# king royal



## jaws (Jan 13, 2008)

Have anyone heard of king royal blood line


----------



## boogiebot (Oct 7, 2009)

jaws said:


> Have anyone heard of king royal blood line


i have heard of king lion but never king royal. any pics?


----------



## jaws (Jan 13, 2008)

I'll try to post a pic? My friend just got a pitbull puppy colby king royal blood line.
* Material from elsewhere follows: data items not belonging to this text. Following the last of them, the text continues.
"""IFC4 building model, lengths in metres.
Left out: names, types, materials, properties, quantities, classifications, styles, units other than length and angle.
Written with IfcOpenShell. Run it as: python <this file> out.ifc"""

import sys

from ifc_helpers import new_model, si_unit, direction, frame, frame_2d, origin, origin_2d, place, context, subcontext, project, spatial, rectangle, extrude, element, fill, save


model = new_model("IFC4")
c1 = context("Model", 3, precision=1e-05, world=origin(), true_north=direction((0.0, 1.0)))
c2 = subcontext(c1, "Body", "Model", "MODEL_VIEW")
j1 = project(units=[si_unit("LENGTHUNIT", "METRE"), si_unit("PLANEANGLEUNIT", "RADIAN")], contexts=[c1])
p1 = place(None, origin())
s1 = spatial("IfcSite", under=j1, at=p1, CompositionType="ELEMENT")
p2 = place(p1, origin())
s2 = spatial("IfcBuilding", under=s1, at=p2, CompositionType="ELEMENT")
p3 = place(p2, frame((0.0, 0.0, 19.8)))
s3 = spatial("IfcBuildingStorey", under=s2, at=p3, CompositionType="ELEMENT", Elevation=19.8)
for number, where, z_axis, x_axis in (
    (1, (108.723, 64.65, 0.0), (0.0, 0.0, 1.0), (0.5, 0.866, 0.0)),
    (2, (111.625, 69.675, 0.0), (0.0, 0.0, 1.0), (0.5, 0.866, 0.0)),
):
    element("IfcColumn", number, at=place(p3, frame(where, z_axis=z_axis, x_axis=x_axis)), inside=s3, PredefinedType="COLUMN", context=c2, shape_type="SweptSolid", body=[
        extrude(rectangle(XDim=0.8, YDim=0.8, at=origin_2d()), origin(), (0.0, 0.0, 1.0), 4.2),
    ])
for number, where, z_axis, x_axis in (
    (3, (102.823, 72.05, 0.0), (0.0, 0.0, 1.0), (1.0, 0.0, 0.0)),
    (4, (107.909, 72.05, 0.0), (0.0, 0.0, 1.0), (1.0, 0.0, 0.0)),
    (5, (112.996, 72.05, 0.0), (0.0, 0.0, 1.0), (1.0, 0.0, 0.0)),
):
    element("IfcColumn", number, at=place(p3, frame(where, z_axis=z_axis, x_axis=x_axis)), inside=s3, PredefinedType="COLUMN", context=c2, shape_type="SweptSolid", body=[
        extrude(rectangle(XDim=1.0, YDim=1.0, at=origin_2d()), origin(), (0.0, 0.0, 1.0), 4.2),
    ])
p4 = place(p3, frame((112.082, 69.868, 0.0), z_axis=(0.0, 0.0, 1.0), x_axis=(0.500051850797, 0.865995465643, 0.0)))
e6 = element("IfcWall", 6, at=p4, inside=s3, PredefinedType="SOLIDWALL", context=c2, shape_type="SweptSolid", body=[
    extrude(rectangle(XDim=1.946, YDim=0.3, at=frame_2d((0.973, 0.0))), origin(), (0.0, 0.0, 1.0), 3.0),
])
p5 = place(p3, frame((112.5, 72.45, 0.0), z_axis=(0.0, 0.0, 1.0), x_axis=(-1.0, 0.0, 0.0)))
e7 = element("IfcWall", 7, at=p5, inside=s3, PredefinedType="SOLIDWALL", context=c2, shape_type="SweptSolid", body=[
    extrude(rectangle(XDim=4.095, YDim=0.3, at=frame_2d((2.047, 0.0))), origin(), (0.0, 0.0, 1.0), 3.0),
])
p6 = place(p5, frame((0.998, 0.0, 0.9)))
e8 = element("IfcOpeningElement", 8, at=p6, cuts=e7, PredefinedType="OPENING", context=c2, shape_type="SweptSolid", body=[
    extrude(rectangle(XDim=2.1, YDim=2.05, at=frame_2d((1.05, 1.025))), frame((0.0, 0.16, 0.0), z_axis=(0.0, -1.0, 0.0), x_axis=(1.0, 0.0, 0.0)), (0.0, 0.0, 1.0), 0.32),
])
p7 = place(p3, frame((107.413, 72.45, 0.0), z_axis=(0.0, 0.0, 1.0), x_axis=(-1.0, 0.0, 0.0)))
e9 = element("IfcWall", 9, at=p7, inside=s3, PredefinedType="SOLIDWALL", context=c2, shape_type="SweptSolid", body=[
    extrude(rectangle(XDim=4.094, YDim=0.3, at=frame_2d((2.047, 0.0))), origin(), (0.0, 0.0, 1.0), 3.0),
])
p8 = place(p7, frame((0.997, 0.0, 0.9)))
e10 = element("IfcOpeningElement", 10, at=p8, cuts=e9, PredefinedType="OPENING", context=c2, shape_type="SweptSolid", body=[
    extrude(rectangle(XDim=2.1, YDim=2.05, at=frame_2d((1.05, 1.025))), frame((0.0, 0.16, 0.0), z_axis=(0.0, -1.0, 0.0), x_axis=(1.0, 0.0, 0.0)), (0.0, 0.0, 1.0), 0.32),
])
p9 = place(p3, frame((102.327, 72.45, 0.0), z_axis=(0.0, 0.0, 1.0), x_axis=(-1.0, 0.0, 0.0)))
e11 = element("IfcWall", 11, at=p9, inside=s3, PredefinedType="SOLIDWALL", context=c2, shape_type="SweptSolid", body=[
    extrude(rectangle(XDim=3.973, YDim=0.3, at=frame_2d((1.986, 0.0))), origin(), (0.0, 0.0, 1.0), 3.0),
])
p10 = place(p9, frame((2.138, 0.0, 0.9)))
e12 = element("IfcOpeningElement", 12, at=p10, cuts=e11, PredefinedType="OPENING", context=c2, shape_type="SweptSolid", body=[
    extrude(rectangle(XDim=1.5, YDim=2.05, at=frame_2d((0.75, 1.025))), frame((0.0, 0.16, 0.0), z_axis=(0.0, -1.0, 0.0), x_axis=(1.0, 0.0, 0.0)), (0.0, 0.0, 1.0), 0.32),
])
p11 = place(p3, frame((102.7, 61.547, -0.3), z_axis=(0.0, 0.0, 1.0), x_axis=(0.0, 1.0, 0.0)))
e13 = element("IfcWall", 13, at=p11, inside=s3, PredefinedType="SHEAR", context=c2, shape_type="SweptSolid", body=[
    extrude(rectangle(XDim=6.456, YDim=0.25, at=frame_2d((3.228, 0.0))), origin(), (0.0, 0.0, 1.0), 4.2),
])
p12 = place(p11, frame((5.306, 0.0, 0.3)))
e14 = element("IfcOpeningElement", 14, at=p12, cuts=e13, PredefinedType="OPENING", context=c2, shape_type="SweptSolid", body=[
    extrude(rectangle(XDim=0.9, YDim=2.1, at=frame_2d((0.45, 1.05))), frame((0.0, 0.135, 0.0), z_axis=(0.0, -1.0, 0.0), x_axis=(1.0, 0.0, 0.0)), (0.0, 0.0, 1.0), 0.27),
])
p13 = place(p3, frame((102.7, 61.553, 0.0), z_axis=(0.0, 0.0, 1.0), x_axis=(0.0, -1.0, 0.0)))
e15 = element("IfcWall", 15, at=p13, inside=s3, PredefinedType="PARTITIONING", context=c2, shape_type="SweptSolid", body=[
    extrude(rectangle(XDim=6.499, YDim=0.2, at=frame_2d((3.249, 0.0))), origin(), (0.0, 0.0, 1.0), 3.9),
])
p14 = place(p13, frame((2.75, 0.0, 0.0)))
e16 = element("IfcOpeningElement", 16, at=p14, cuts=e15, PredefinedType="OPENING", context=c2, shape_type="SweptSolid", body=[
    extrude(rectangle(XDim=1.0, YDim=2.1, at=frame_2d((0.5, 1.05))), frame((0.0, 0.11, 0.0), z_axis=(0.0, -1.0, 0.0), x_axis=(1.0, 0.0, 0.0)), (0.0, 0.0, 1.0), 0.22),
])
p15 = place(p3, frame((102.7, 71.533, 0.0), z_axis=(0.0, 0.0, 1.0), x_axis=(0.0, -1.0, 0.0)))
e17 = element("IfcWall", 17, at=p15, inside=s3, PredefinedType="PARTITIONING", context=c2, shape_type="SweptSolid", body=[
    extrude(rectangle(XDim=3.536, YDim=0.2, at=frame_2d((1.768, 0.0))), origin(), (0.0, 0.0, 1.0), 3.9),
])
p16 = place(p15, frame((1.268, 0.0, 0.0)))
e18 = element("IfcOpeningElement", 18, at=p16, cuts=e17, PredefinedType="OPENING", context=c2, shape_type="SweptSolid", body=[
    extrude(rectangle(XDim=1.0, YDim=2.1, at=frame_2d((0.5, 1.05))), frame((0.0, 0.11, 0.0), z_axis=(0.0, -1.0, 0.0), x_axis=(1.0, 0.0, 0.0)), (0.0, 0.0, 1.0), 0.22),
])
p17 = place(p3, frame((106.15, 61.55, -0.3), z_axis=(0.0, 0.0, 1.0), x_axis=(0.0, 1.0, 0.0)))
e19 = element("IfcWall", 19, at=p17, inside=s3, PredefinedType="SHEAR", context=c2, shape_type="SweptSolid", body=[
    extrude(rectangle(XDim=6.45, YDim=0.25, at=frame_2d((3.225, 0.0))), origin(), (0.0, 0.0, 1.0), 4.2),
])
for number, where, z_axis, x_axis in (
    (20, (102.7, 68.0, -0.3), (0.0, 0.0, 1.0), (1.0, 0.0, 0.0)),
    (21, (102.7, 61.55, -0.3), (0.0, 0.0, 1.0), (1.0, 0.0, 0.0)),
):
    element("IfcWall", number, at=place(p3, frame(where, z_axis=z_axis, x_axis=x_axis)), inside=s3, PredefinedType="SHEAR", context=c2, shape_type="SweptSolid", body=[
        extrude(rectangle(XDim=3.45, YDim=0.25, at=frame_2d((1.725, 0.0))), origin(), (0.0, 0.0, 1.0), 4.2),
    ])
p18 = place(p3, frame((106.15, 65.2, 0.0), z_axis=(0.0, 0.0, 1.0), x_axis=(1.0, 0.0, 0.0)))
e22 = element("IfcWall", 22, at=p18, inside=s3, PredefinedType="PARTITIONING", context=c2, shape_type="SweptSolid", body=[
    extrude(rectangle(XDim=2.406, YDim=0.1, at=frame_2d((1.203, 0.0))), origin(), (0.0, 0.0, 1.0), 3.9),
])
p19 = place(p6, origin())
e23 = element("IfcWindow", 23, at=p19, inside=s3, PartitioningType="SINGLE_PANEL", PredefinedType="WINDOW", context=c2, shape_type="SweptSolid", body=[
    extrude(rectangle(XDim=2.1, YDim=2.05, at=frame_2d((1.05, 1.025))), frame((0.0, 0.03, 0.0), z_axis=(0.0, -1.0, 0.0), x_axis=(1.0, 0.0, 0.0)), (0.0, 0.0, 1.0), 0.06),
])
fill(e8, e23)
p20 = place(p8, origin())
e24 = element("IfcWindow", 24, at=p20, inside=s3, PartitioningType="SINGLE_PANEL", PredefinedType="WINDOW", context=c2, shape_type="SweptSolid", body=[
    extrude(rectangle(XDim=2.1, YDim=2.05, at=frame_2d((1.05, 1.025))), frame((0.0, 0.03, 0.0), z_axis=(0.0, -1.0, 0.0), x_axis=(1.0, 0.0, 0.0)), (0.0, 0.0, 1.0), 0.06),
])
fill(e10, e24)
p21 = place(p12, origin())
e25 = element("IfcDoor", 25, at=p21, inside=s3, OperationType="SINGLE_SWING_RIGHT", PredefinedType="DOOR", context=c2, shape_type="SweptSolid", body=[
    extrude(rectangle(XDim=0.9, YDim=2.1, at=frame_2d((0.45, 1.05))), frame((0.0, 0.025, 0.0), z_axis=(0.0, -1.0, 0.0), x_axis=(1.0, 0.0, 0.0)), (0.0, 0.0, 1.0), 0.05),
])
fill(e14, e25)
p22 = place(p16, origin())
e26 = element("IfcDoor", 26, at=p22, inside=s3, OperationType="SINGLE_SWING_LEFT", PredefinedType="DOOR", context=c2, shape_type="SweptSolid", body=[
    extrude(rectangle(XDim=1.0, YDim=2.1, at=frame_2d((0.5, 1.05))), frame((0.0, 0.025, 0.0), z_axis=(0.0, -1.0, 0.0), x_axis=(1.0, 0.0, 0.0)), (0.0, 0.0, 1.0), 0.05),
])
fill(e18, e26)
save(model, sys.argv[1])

But, i haven't heard of king royal. is their a blood line call royal


----------



## boogiebot (Oct 7, 2009)

oh man i wish i could help you out. im still a big noob to this stuff too...hahaha. i am pretty sure that someone on here will know of it if it is legit. i have heard of the colby line of pitbulls but never a cobly king royal.


----------



## jaws (Jan 13, 2008)

is their anywhere i can go to look up all the different blood line


----------



## CINCINNATIBULLIES (Jan 15, 2009)

i have heard of king lion he is royal bloodline. never heard of king royal bloodline.


----------



## jaws (Jan 13, 2008)

could someome post some picture of a king lion dog. Are they ambully or apbt


----------



## cEElint (Oct 6, 2009)




----------



## Black Rabbit (Nov 14, 2009)

cEElint said:


>


I've seen this dog before too not a big fan, he looks a little special to me.


----------